Les reformes institutionnelles enclenchées depuis quelques années vont déboucher sur la création de plusieurs institutions telles que le ministère du Commerce et de la Promotion du secteur privé, le Conseil présidentiel pour l’Investissement et la Cour d’arbitrage du Togo. Cette vague de reformes sera suivie, plus tard, par la ratification de la charte des PME/PMI; ce qui balisera la voie à la mise en place d’une véritable politique de promotion des entreprises locales au Togo. Pour mener à bien cette nouvelle politique de promotion des PME/PMI e toute transparence, la Cour des comptes a été également mise sur pied ainsi qu’un code des marchés publics.

 

ANPGF, une solution innovante pour le financement des PME/PMI

Les jeunes entrepreneurs togolais sont désormais encouragés à se lancer dans l’entreprenariat. Mais le problème majeur du secteur reste le manque de financements. Pour  rectifier le tir, l’Agence  nationale de promotion et de garantie de financement des PME/PMI  (ANPGF) a été portée sur les fonts baptismaux. Cette nouvelle structure d’appui financier et non-financier œuvre pour le financement des projets et la formation des jeunes entrepreneurs  opérant dans le secteur privé.

Selon la  directrice, Mme Naka De Souza, cette structure, bien que n’étant pas une banque, vient répondre aux difficultés de financement grâce à ses ressources propres et garantit les projets auprès des banques à travers deux produits financiers.

« L’Agence nationale de promotion et de garantie de financements des PME/PMI n’est ni une banque ni une institution de microfinance. Elle n’assure pas elle-même directement l’octroi de crédits. Le financement est fait sur les ressources propres de l’agence et à sa demande par des banques et établissements financiers partenaires ».

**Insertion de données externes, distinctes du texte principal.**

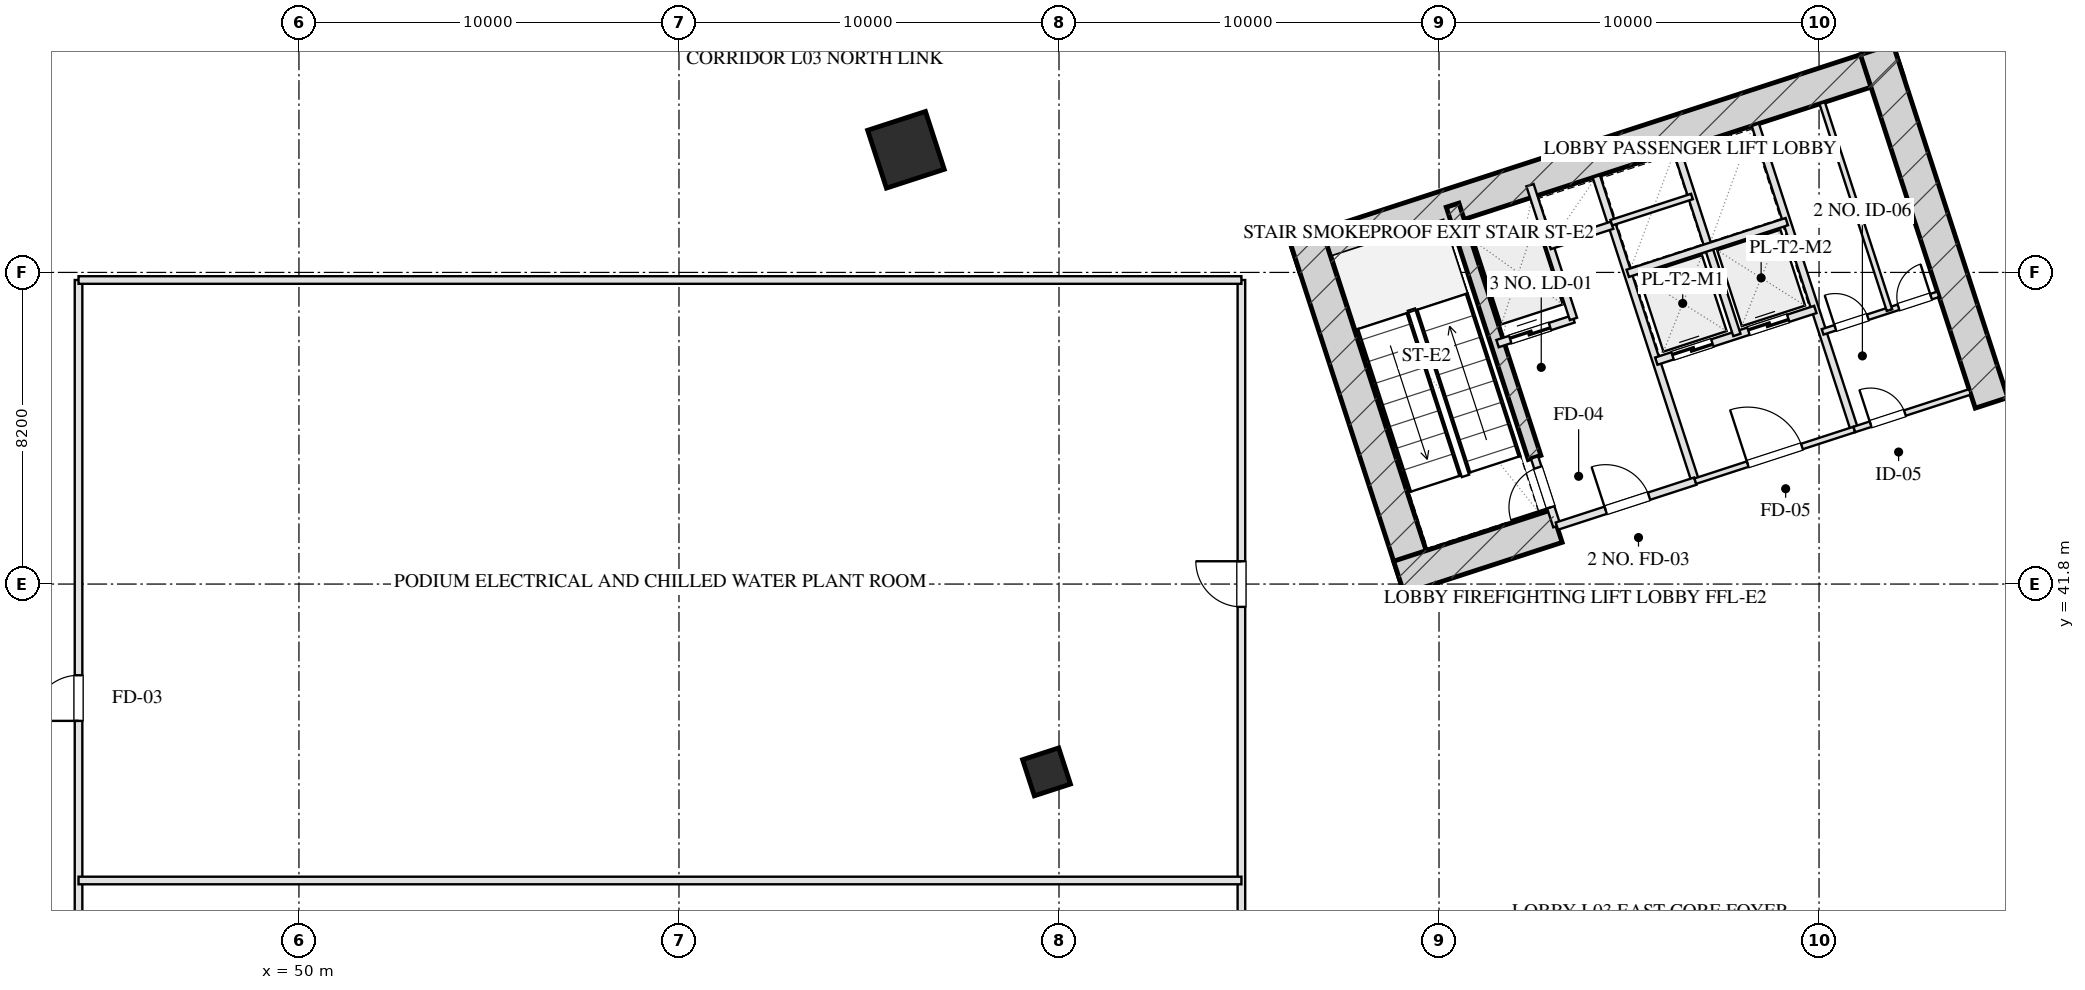
"""IFC4 building model, lengths in metres.
Left out: names, types, materials, properties, quantities, classifications, styles, units other than length and angle.
Written with IfcOpenShell. Run it as: python <this file> out.ifc"""

import sys

from ifc_helpers import new_model, si_unit, direction, frame, frame_2d, origin, origin_2d, place, context, subcontext, project, spatial, rectangle, hollow_rectangle, extrude, element, fill, save


model = new_model("IFC4")
c1 = context("Model", 3, precision=1e-05, world=origin(), true_north=direction((0.0, 1.0)))
c2 = subcontext(c1, "Body", "Model", "MODEL_VIEW")
j1 = project(units=[si_unit("LENGTHUNIT", "METRE"), si_unit("PLANEANGLEUNIT", "RADIAN")], contexts=[c1])
p1 = place(None, origin())
s1 = spatial("IfcSite", under=j1, at=p1, CompositionType="ELEMENT")
p2 = place(p1, origin())
s2 = spatial("IfcBuilding", under=s1, at=p2, CompositionType="ELEMENT")
p3 = place(p2, frame((0.0, 0.0, 16.5)))
s3 = spatial("IfcBuildingStorey", under=s2, at=p3, CompositionType="ELEMENT", Elevation=16.5)
p4 = place(p3, frame((76.201, 50.419, 0.0), z_axis=(0.0, 0.0, 1.0), x_axis=(0.951056412142, 0.309017314926, 0.0)))
e1 = element("IfcWall", 1, at=p4, inside=s3, PredefinedType="SHEAR", context=c2, shape_type="SweptSolid", body=[
    extrude(rectangle(XDim=16.7, YDim=0.9, at=frame_2d((8.35, 0.0))), origin(), (0.0, 0.0, 1.0), 5.5),
])
for number, where, z_axis, x_axis in (
    (2, (79.512, 41.685, 0.0), (0.0, 0.0, 1.0), (-0.309, 0.951, 0.0)),
    (3, (94.539, 46.568, 0.0), (0.0, 0.0, 1.0), (-0.309, 0.951, 0.0)),
):
    element("IfcWall", number, at=place(p3, frame(where, z_axis=z_axis, x_axis=x_axis)), inside=s3, PredefinedType="SHEAR", context=c2, shape_type="SweptSolid", body=[
        extrude(rectangle(XDim=9.78, YDim=0.9, at=frame_2d((4.89, 0.0))), origin(), (0.0, 0.0, 1.0), 5.5),
    ])
p5 = place(p3, frame((82.514, 45.131, 0.0), z_axis=(0.0, 0.0, 1.0), x_axis=(-0.308988790936, 0.951065679686, 0.0)))
e4 = element("IfcWall", 4, at=p5, inside=s3, PredefinedType="SHEAR", context=c2, shape_type="SweptSolid", body=[
    extrude(rectangle(XDim=6.98, YDim=0.35, at=frame_2d((3.49, 0.0))), origin(), (0.0, 0.0, 1.0), 5.5),
])
p6 = place(p3, frame((78.945, 41.974, 0.0), z_axis=(0.0, 0.0, 1.0), x_axis=(0.951058289404, 0.309011537255, 0.0)))
e5 = element("IfcWall", 5, at=p6, inside=s3, PredefinedType="SHEAR", context=c2, shape_type="SweptSolid", body=[
    extrude(rectangle(XDim=4.37, YDim=0.9, at=frame_2d((2.185, 0.0))), origin(), (0.0, 0.0, 1.0), 5.5),
])
p7 = place(p3, frame((65.973, 53.226, 0.0), z_axis=(0.0, 0.0, 1.0), x_axis=(0.951056516295, 0.309016994375, 0.0)))
e6 = element("IfcColumn", 6, at=p7, inside=s3, PredefinedType="COLUMN", context=c2, shape_type="SweptSolid", body=[
    extrude(hollow_rectangle(XDim=1.6, YDim=1.6, WallThickness=0.055, at=origin_2d()), origin(), (0.0, 0.0, 1.0), 5.501),
])
p8 = place(p3, frame((69.672, 36.858, 0.0), z_axis=(0.0, 0.0, 1.0), x_axis=(0.951056516295, 0.309016994375, 0.0)))
e7 = element("IfcColumn", 7, at=p8, inside=s3, PredefinedType="COLUMN", context=c2, shape_type="SweptSolid", body=[
    extrude(hollow_rectangle(XDim=1.0, YDim=1.0, WallThickness=0.036, at=origin_2d()), origin(), (0.0, 0.0, 1.0), 5.501),
])
p9 = place(p3, frame((83.101, 43.324, 0.0), z_axis=(0.0, 0.0, 1.0), x_axis=(-0.309048298632, 0.951046344356, 0.0)))
e8 = element("IfcWall", 8, at=p9, inside=s3, PredefinedType="PARTITIONING", context=c2, shape_type="SweptSolid", body=[
    extrude(rectangle(XDim=1.9, YDim=0.2, at=frame_2d((0.95, 0.0))), origin(), (0.0, 0.0, 1.0), 5.185),
])
p10 = place(p9, frame((0.52, 0.0, 0.0)))
e9 = element("IfcOpeningElement", 9, at=p10, cuts=e8, PredefinedType="OPENING", context=c2, shape_type="SweptSolid", body=[
    extrude(rectangle(XDim=1.1, YDim=2.05, at=frame_2d((0.55, 1.025))), frame((0.0, 0.11, 0.0), z_axis=(0.0, -1.0, 0.0), x_axis=(1.0, 0.0, 0.0)), (0.0, 0.0, 1.0), 0.22),
])
p11 = place(p3, frame((86.743, 44.508, 0.0), z_axis=(0.0, 0.0, 1.0), x_axis=(-0.309016001439, 0.951056838919, 0.0)))
e10 = element("IfcWall", 10, at=p11, inside=s3, PredefinedType="PARTITIONING", context=c2, shape_type="SweptSolid", body=[
    extrude(rectangle(XDim=8.43, YDim=0.2, at=frame_2d((4.215, 0.0))), origin(), (0.0, 0.0, 1.0), 5.185),
])
p12 = place(p3, frame((83.101, 43.324, 0.0), z_axis=(0.0, 0.0, 1.0), x_axis=(0.951052804469, 0.309028417967, 0.0)))
e11 = element("IfcWall", 11, at=p12, inside=s3, PredefinedType="PARTITIONING", context=c2, shape_type="SweptSolid", body=[
    extrude(rectangle(XDim=3.83, YDim=0.2, at=frame_2d((1.915, 0.0))), origin(), (0.0, 0.0, 1.0), 5.185),
])
p13 = place(p12, frame((1.35, 0.0, 0.0)))
e12 = element("IfcOpeningElement", 12, at=p13, cuts=e11, PredefinedType="OPENING", context=c2, shape_type="SweptSolid", body=[
    extrude(rectangle(XDim=1.2, YDim=2.05, at=frame_2d((0.6, 1.025))), frame((0.0, 0.11, 0.0), z_axis=(0.0, -1.0, 0.0), x_axis=(1.0, 0.0, 0.0)), (0.0, 0.0, 1.0), 0.22),
])
p14 = place(p3, frame((81.54, 48.127, 0.0), z_axis=(0.0, 0.0, 1.0), x_axis=(0.951062257173, 0.308999325213, 0.0)))
e13 = element("IfcWall", 13, at=p14, inside=s3, PredefinedType="PARTITIONING", context=c2, shape_type="SweptSolid", body=[
    extrude(rectangle(XDim=2.1, YDim=0.2, at=frame_2d((1.05, 0.0))), origin(), (0.0, 0.0, 1.0), 5.185),
])
p15 = place(p14, frame((0.35, 0.0, 0.0)))
e14 = element("IfcOpeningElement", 14, at=p15, cuts=e13, PredefinedType="OPENING", context=c2, shape_type="SweptSolid", body=[
    extrude(rectangle(XDim=1.1, YDim=2.05, at=frame_2d((0.55, 1.025))), frame((0.0, 0.11, 0.0), z_axis=(0.0, -1.0, 0.0), x_axis=(1.0, 0.0, 0.0)), (0.0, 0.0, 1.0), 0.22),
])
p16 = place(p3, frame((83.538, 48.776, 0.0), z_axis=(0.0, 0.0, 1.0), x_axis=(-0.3089935693, 0.951064127245, 0.0)))
e15 = element("IfcWall", 15, at=p16, inside=s3, PredefinedType="PARTITIONING", context=c2, shape_type="SweptSolid", body=[
    extrude(rectangle(XDim=3.7, YDim=0.2, at=frame_2d((1.85, 0.0))), origin(), (0.0, 0.0, 1.0), 5.185),
])
p17 = place(p3, frame((82.91, 50.707, 0.0), z_axis=(0.0, 0.0, 1.0), x_axis=(0.951041328149, 0.309063734775, 0.0)))
e16 = element("IfcWall", 16, at=p17, inside=s3, PredefinedType="PARTITIONING", context=c2, shape_type="SweptSolid", body=[
    extrude(rectangle(XDim=1.73, YDim=0.2, at=frame_2d((0.865, 0.0))), origin(), (0.0, 0.0, 1.0), 5.185),
])
p18 = place(p3, frame((90.928, 45.868, 0.0), z_axis=(0.0, 0.0, 1.0), x_axis=(-0.309042196757, 0.951048327176, 0.0)))
e17 = element("IfcWall", 17, at=p18, inside=s3, PredefinedType="PARTITIONING", context=c2, shape_type="SweptSolid", body=[
    extrude(rectangle(XDim=8.43, YDim=0.2, at=frame_2d((4.215, 0.0))), origin(), (0.0, 0.0, 1.0), 5.185),
])
p19 = place(p3, frame((86.743, 44.508, 0.0), z_axis=(0.0, 0.0, 1.0), x_axis=(0.951063829732, 0.308994485023, 0.0)))
e18 = element("IfcWall", 18, at=p19, inside=s3, PredefinedType="PARTITIONING", context=c2, shape_type="SweptSolid", body=[
    extrude(rectangle(XDim=4.4, YDim=0.15, at=frame_2d((2.2, 0.0))), origin(), (0.0, 0.0, 1.0), 5.185),
])
p20 = place(p19, frame((1.45, 0.0, 0.0)))
e19 = element("IfcOpeningElement", 19, at=p20, cuts=e18, PredefinedType="OPENING", context=c2, shape_type="SweptSolid", body=[
    extrude(rectangle(XDim=1.5, YDim=2.05, at=frame_2d((0.75, 1.025))), frame((0.0, 0.085, 0.0), z_axis=(0.0, -1.0, 0.0), x_axis=(1.0, 0.0, 0.0)), (0.0, 0.0, 1.0), 0.17),
])
p21 = place(p3, frame((85.718, 47.666, 0.0), z_axis=(0.0, 0.0, 1.0), x_axis=(0.951058531764, 0.30901079133, 0.0)))
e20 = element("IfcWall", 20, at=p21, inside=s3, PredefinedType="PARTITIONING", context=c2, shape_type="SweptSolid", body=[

L’institution a mis sur pied une procédure permettant de partager le risque de financement avec les banques en garantissant en partie le risque de non remboursement. Grace à cette procédure,  les financements octroyés  par les banques sont garantis  à hauteur de 50% par l’ANPGF ; ce qui contribue à réduire les garantis rédhibitoires de certains projets.

Les projets financés par l’agence doivent être rentables, pérennes et générer des emplois afin d’être en symbiose  avec la nouvelle dynamique de lutte contre le chômage des autorités togolaises. Chaque projet est financé à hauteur de 20 millions de FCFA avec un taux d’intérêt inférieur à celui proposé par les institutions classiques de financement.

700 PME/PMI couvrent 15% du PIB

Les mesures prises par le Togo ont produit des résultats positifs puisque le pays a grimpé dans le rapport Doing Business 2015 de la Banque mondiale. Le rapport indique en effet que le Togo fait partie des dix économies du monde qui ont le plus progressé sur le climat des affaires en faisant un bond de quinze places pour être classé 149e dans le monde.

Selon ce même rapport, le Togo a simplifié le processus de création d’entreprise en permettant au guichet unique de rendre public les avis de constitution et en supprimant l’obligation d’obtenir la carte d’opérateur économique. Le même rapport constate que le pays a également simplifié le transfert de propriété par l’abaissement du taux de la taxe d’immatriculation de la propriété. Les impôts onéreux constituant un frein à l’afflux des investissements privés externes, pour y remédier, le Togo a réduit le taux de l’impôt sur les salaires. Plus de 700 PME/PMI existent au Togo avec un apport estimé à plus 15% du PIB national, en 2014.